---
title: AI Avatar Chat
emoji: 🎭
colorFrom: purple
colorTo: pink
sdk: docker
pinned: false
license: apache-2.0
suggested_hardware: a10g-small
suggested_storage: large
---

# 🎭 OmniAvatar-14B with HuggingFace TTS

An advanced AI avatar generation system that creates realistic talking avatars from text prompts and speech.
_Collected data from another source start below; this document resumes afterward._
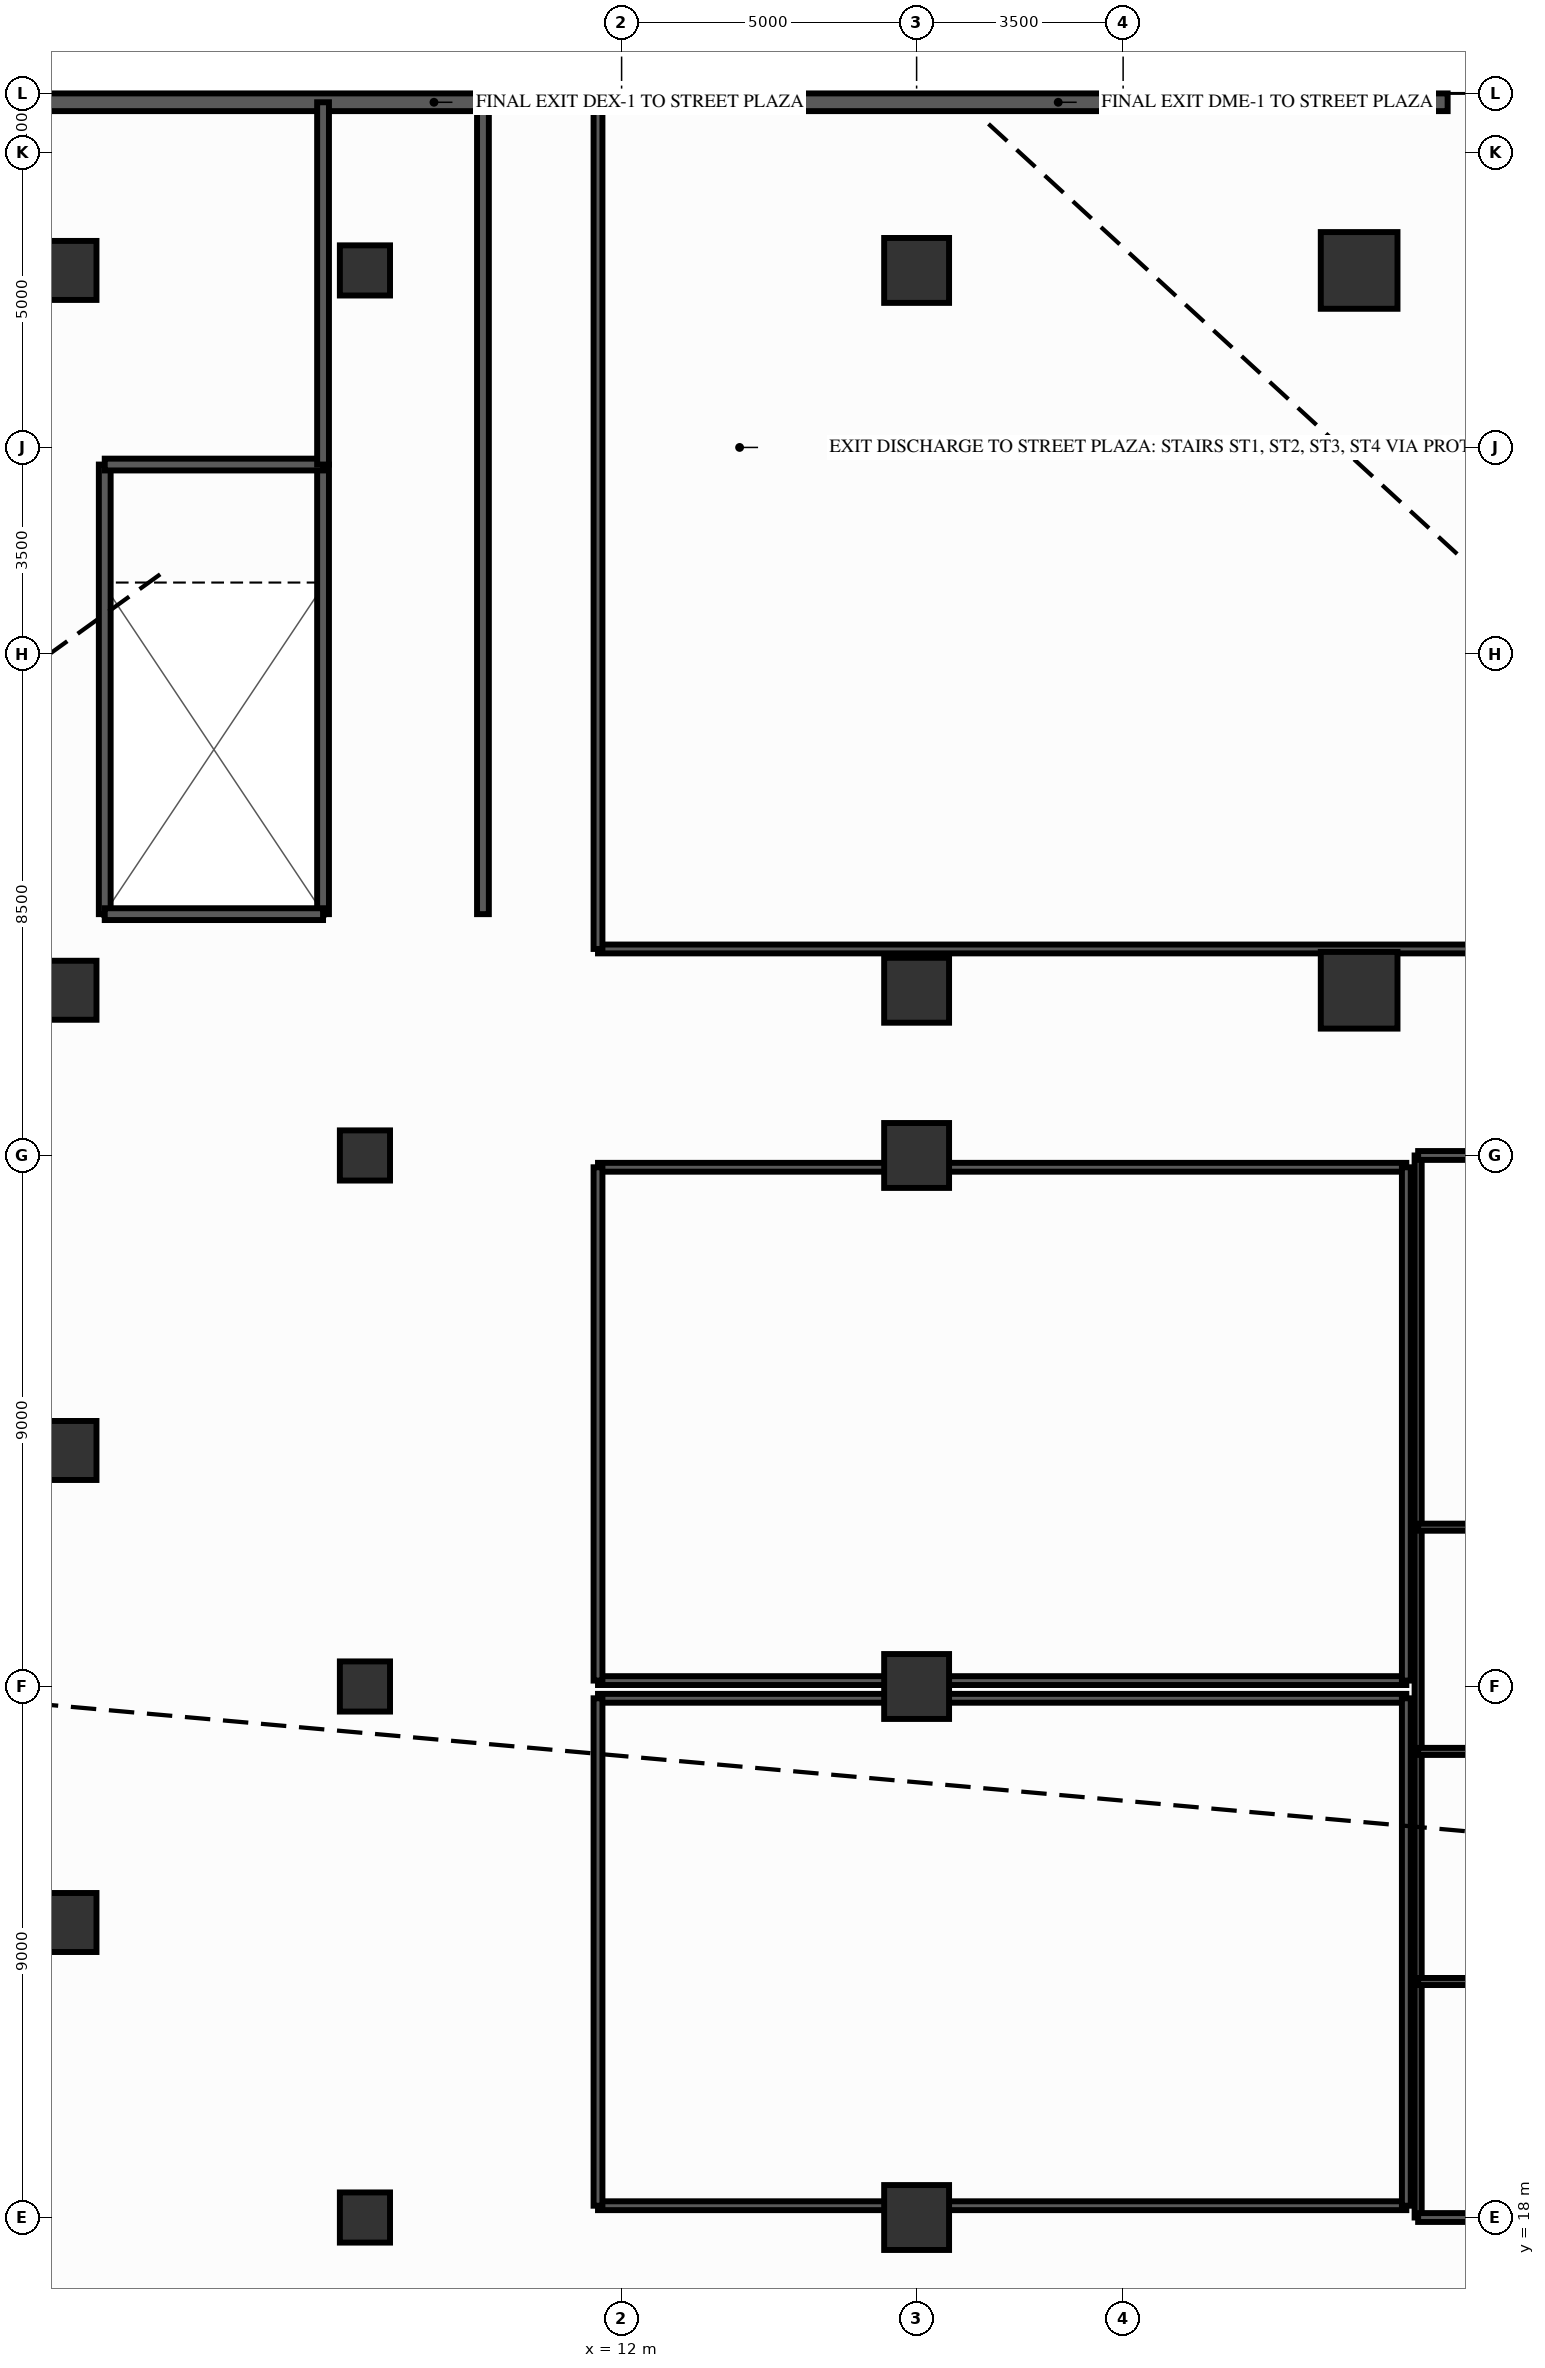
"""IFC4 building model, lengths in metres.
Left out: names, types, materials, properties, quantities, classifications, styles, units other than length and angle.
Written with IfcOpenShell. Run it as: python <this file> out.ifc"""

import sys

from ifc_helpers import new_model, si_unit, direction, frame, frame_2d, origin, origin_2d, place, context, subcontext, project, spatial, rectangle, circle, extrude, source, transform, mapped, element, fill, save


model = new_model("IFC4")
c1 = context("Model", 3, precision=1e-05, world=origin(), true_north=direction((0.0, 1.0)))
c2 = subcontext(c1, "Body", "Model", "MODEL_VIEW")
j1 = project(units=[si_unit("LENGTHUNIT", "METRE"), si_unit("PLANEANGLEUNIT", "RADIAN")], contexts=[c1])
p1 = place(None, origin())
s1 = spatial("IfcSite", under=j1, at=p1, CompositionType="ELEMENT")
p2 = place(p1, origin())
s2 = spatial("IfcBuilding", under=s1, at=p2, CompositionType="ELEMENT")
p3 = place(p2, origin())
s3 = spatial("IfcBuildingStorey", under=s2, at=p3, CompositionType="ELEMENT", Elevation=0.0)
m1 = source(origin(), c2, "Body", "SweptSolid", [
    extrude(circle(Radius=0.5, at=origin_2d()), origin(), (0.0, 0.0, 1.0), 4.2),
])
for number, where, z_axis, x_axis in (
    (1, (2.6, 23.0, 0.0), (0.0, 0.0, 1.0), (1.0, 0.0, 0.0)),
    (2, (2.6, 31.0, 0.0), (0.0, 0.0, 1.0), (1.0, 0.0, 0.0)),
    (3, (2.6, 38.8, 0.0), (0.0, 0.0, 1.0), (1.0, 0.0, 0.0)),
    (4, (2.6, 51.0, 0.0), (0.0, 0.0, 1.0), (1.0, 0.0, 0.0)),
):
    element("IfcColumn", number, at=place(p3, frame(where, z_axis=z_axis, x_axis=x_axis)), inside=s3, PredefinedType="COLUMN", context=c2, shape_type="MappedRepresentation", body=[
        mapped(m1, transform((0.0, 0.0, 0.0), scale=1.0)),
    ])
m2 = source(origin(), c2, "Body", "SweptSolid", [
    extrude(circle(Radius=0.425, at=origin_2d()), origin(), (0.0, 0.0, 1.0), 4.2),
])
for number, where, z_axis, x_axis in (
    (5, (7.65, 18.0, 0.0), (0.0, 0.0, 1.0), (1.0, 0.0, 0.0)),
    (6, (7.65, 27.0, 0.0), (0.0, 0.0, 1.0), (1.0, 0.0, 0.0)),
    (7, (7.65, 36.0, 0.0), (0.0, 0.0, 1.0), (1.0, 0.0, 0.0)),
    (8, (7.65, 51.0, 0.0), (0.0, 0.0, 1.0), (1.0, 0.0, 0.0)),
):
    element("IfcColumn", number, at=place(p3, frame(where, z_axis=z_axis, x_axis=x_axis)), inside=s3, PredefinedType="COLUMN", context=c2, shape_type="MappedRepresentation", body=[
        mapped(m2, transform((0.0, 0.0, 0.0), scale=1.0)),
    ])
m3 = source(origin(), c2, "Body", "SweptSolid", [
    extrude(rectangle(XDim=1.1, YDim=1.1, at=origin_2d()), origin(), (0.0, 0.0, 1.0), 4.2),
])
for number, where, z_axis, x_axis in (
    (9, (17.0, 18.0, 0.0), (0.0, 0.0, 1.0), (1.0, 0.0, 0.0)),
    (10, (17.0, 27.0, 0.0), (0.0, 0.0, 1.0), (1.0, 0.0, 0.0)),
    (11, (17.0, 36.0, 0.0), (0.0, 0.0, 1.0), (1.0, 0.0, 0.0)),
    (12, (17.0, 38.8, 0.0), (0.0, 0.0, 1.0), (1.0, 0.0, 0.0)),
    (13, (17.0, 51.0, 0.0), (0.0, 0.0, 1.0), (1.0, 0.0, 0.0)),
):
    element("IfcColumn", number, at=place(p3, frame(where, z_axis=z_axis, x_axis=x_axis)), inside=s3, PredefinedType="COLUMN", context=c2, shape_type="MappedRepresentation", body=[
        mapped(m3, transform((0.0, 0.0, 0.0), scale=1.0)),
    ])
m4 = source(origin(), c2, "Body", "SweptSolid", [
    extrude(rectangle(XDim=1.3, YDim=1.3, at=origin_2d()), origin(), (0.0, 0.0, 1.0), 4.2),
])
for number, where, z_axis, x_axis in (
    (14, (24.5, 38.8, 0.0), (0.0, 0.0, 1.0), (1.0, 0.0, 0.0)),
    (15, (24.5, 51.0, 0.0), (0.0, 0.0, 1.0), (1.0, 0.0, 0.0)),
):
    element("IfcColumn", number, at=place(p3, frame(where, z_axis=z_axis, x_axis=x_axis)), inside=s3, PredefinedType="COLUMN", context=c2, shape_type="MappedRepresentation", body=[
        mapped(m4, transform((0.0, 0.0, 0.0), scale=1.0)),
    ])
p4 = place(p3, frame((0.0, 53.85, 0.0), z_axis=(0.0, 0.0, 1.0), x_axis=(1.0, 0.0, 0.0)))
e16 = element("IfcWall", 16, at=p4, inside=s3, PredefinedType="SOLIDWALL", context=c2, shape_type="SweptSolid", body=[
    extrude(rectangle(XDim=26.0, YDim=0.3, at=frame_2d((13.0, 0.0))), origin(), (0.0, 0.0, 1.0), 3.48),
])
p5 = place(p4, frame((18.2, 0.0, 0.0)))
e17 = element("IfcOpeningElement", 17, at=p5, cuts=e16, PredefinedType="OPENING", context=c2, shape_type="SweptSolid", body=[
    extrude(rectangle(XDim=2.4, YDim=2.4, at=frame_2d((1.2, 1.2))), frame((0.0, 0.162, 0.0), z_axis=(0.0, -1.0, 0.0), x_axis=(1.0, 0.0, 0.0)), (0.0, 0.0, 1.0), 0.324),
])
p6 = place(p4, frame((8.12, 0.0, 0.0)))
e18 = element("IfcOpeningElement", 18, at=p6, cuts=e16, PredefinedType="OPENING", context=c2, shape_type="SweptSolid", body=[
    extrude(rectangle(XDim=1.4, YDim=2.2, at=frame_2d((0.7, 1.1))), frame((0.0, 0.162, 0.0), z_axis=(0.0, -1.0, 0.0), x_axis=(1.0, 0.0, 0.0)), (0.0, 0.0, 1.0), 0.324),
])
p7 = place(p3, frame((3.24, 40.09, 0.0), z_axis=(0.0, 0.0, 1.0), x_axis=(0.0, 1.0, 0.0)))
e19 = element("IfcWall", 19, at=p7, inside=s3, PredefinedType="SOLIDWALL", context=c2, shape_type="SweptSolid", body=[
    extrude(rectangle(XDim=7.62, YDim=0.2, at=frame_2d((3.81, 0.0))), origin(), (0.0, 0.0, 1.0), 3.92),
])
p8 = place(p3, frame((6.94, 40.09, 0.0), z_axis=(0.0, 0.0, 1.0), x_axis=(0.0, 1.0, 0.0)))
e20 = element("IfcWall", 20, at=p8, inside=s3, PredefinedType="SOLIDWALL", context=c2, shape_type="SweptSolid", body=[
    extrude(rectangle(XDim=7.62, YDim=0.2, at=frame_2d((3.81, 0.0))), origin(), (0.0, 0.0, 1.0), 3.92),
])
p9 = place(p8, frame((7.15, 0.0, 0.0), z_axis=(0.0, 0.0, 1.0), x_axis=(-1.0, 0.0, 0.0)))
e21 = element("IfcOpeningElement", 21, at=p9, cuts=e20, PredefinedType="OPENING", context=c2, shape_type="SweptSolid", body=[
    extrude(rectangle(XDim=1.1, YDim=2.15, at=frame_2d((0.55, 1.075))), frame((0.0, 0.112, 0.0), z_axis=(0.0, -1.0, 0.0), x_axis=(1.0, 0.0, 0.0)), (0.0, 0.0, 1.0), 0.224),
])
for number, where, z_axis, x_axis in (
    (22, (3.24, 40.09, 0.0), (0.0, 0.0, 1.0), (1.0, 0.0, 0.0)),
    (23, (3.24, 47.71, 0.0), (0.0, 0.0, 1.0), (1.0, 0.0, 0.0)),
):
    element("IfcWall", number, at=place(p3, frame(where, z_axis=z_axis, x_axis=x_axis)), inside=s3, PredefinedType="SOLIDWALL", context=c2, shape_type="SweptSolid", body=[
        extrude(rectangle(XDim=3.7, YDim=0.2, at=frame_2d((1.85, 0.0))), origin(), (0.0, 0.0, 1.0), 3.92),
    ])
p10 = place(p3, frame((6.94, 47.71, 0.0), z_axis=(0.0, 0.0, 1.0), x_axis=(0.0, 1.0, 0.0)))
e24 = element("IfcWall", 24, at=p10, inside=s3, PredefinedType="PARTITIONING", context=c2, shape_type="SweptSolid", body=[
    extrude(rectangle(XDim=6.14, YDim=0.2, at=frame_2d((3.07, 0.0))), origin(), (0.0, 0.0, 1.0), 3.92),
])
p11 = place(p3, frame((9.65, 40.09, 0.0), z_axis=(0.0, 0.0, 1.0), x_axis=(0.0, 1.0, 0.0)))
e25 = element("IfcWall", 25, at=p11, inside=s3, PredefinedType="PARTITIONING", context=c2, shape_type="SweptSolid", body=[
    extrude(rectangle(XDim=13.76, YDim=0.2, at=frame_2d((6.88, 0.0))), origin(), (0.0, 0.0, 1.0), 3.92),
])
p12 = place(p11, frame((3.3, 0.0, 0.0), z_axis=(0.0, 0.0, 1.0), x_axis=(-1.0, 0.0, 0.0)))
e26 = element("IfcOpeningElement", 26, at=p12, cuts=e25, PredefinedType="OPENING", context=c2, shape_type="SweptSolid", body=[
    extrude(rectangle(XDim=1.1, YDim=2.15, at=frame_2d((0.55, 1.075))), frame((0.0, 0.112, 0.0), z_axis=(0.0, -1.0, 0.0), x_axis=(1.0, 0.0, 0.0)), (0.0, 0.0, 1.0), 0.224),
])
p13 = place(p3, frame((25.5, 18.0, 0.0), z_axis=(0.0, 0.0, 1.0), x_axis=(0.0, 1.0, 0.0)))
e27 = element("IfcWall", 27, at=p13, inside=s3, PredefinedType="PARTITIONING", context=c2, shape_type="SweptSolid", body=[
    extrude(rectangle(XDim=18.0, YDim=0.12, at=frame_2d((9.0, 0.0))), origin(), (0.0, 0.0, 1.0), 3.92),
])
for number, where, z_axis, x_axis in (
    (28, (25.5, 22.0, 0.0), (0.0, 0.0, 1.0), (1.0, 0.0, 0.0)),
    (29, (25.5, 25.9, 0.0), (0.0, 0.0, 1.0), (1.0, 0.0, 0.0)),
    (30, (25.5, 29.7, 0.0), (0.0, 0.0, 1.0), (1.0, 0.0, 0.0)),
):
    element("IfcWall", number, at=place(p3, frame(where, z_axis=z_axis, x_axis=x_axis)), inside=s3, PredefinedType="PARTITIONING", context=c2, shape_type="SweptSolid", body=[
        extrude(rectangle(XDim=3.5, YDim=0.12, at=frame_2d((1.75, 0.0))), origin(), (0.0, 0.0, 1.0), 3.92),
    ])
for number, where, z_axis, x_axis in (
    (31, (25.5, 36.0, 0.0), (0.0, 0.0, 1.0), (1.0, 0.0, 0.0)),
    (32, (25.5, 18.0, 0.0), (0.0, 0.0, 1.0), (1.0, 0.0, 0.0)),
):
    element("IfcWall", number, at=place(p3, frame(where, z_axis=z_axis, x_axis=x_axis)), inside=s3, PredefinedType="PARTITIONING", context=c2, shape_type="SweptSolid", body=[
        extrude(rectangle(XDim=3.5, YDim=0.15, at=frame_2d((1.75, 0.0))), origin(), (0.0, 0.0, 1.0), 3.29),
    ])
p14 = place(p3, frame((11.6, 39.5, 0.0), z_axis=(0.0, 0.0, 1.0), x_axis=(1.0, 0.0, 0.0)))
e33 = element("IfcWall", 33, at=p14, inside=s3, PredefinedType="PARTITIONING", context=c2, shape_type="SweptSolid", body=[
    extrude(rectangle(XDim=23.4, YDim=0.15, at=frame_2d((11.7, 0.0))), origin(), (0.0, 0.0, 1.0), 3.92),
])
p15 = place(p14, frame((9.844, 0.0, 0.0)))
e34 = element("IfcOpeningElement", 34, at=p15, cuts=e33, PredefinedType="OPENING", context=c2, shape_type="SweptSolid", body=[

This space combines the power of OmniAvatar-14B with HuggingFace SpeechT5 text-to-speech for seamless avatar creation.

## ✨ Features

- **🎯 Text-to-Avatar Generation**: Generate avatars from descriptive text prompts
- **🗣️ HuggingFace TTS Integration**: High-quality text-to-speech synthesis
- **🎵 Audio URL Support**: Use pre-generated audio files
- **🖼️ Image Reference Support**: Guide avatar appearance with reference images
- **⚡ Real-time Processing**: Fast generation with GPU acceleration
- **🎨 Customizable Parameters**: Fine-tune generation quality and lip-sync

## 🚀 How to Use

1. **Enter a Prompt**: Describe the character's behavior and appearance
2. **Choose Audio Source**: 
   - Enter text for automatic speech generation
   - OR provide a direct audio URL
3. **Optional**: Add a reference image URL
4. **Customize**: Adjust voice, guidance scale, and generation parameters
5. **Generate**: Create your avatar video!

## 🛠️ Parameters

- **Guidance Scale** (4-6 recommended): Controls how closely the model follows your prompt
- **Audio Scale** (3-5 recommended): Higher values improve lip-sync accuracy
- **Number of Steps** (20-50 recommended): More steps = higher quality, longer processing time

## 📝 Example Prompts

- "A professional teacher explaining a mathematical concept with clear gestures"
- "A friendly presenter speaking confidently to an audience"
- "A news anchor delivering the morning headlines with professional demeanor"

## 🔧 Technical Details

- **Model**: OmniAvatar-14B for video generation
- ****TTS**: Microsoft SpeechT5 (HuggingFace) for high-quality speech synthesis
- **Framework**: FastAPI + Gradio interface
- **GPU**: Optimized for T4 and higher
- **Storage**: Requires large storage due to 14B parameter models (~70GB total)

## 🎮 API Endpoints

- `GET /health` - Check system status
- `POST /generate` - Generate avatar video
- `/gradio` - Interactive web interface

## 🔐 No API Keys Required

This space uses open-source HuggingFace models for text-to-speech. No external API keys or accounts needed!

## 📄 License

Apache 2.0 - See LICENSE file for details

---

*Powered by OmniAvatar-14B and HuggingFace TTS*

**Note**: This space requires large storage capacity due to the 14B parameter models. The models are downloaded on first startup and cached for subsequent uses.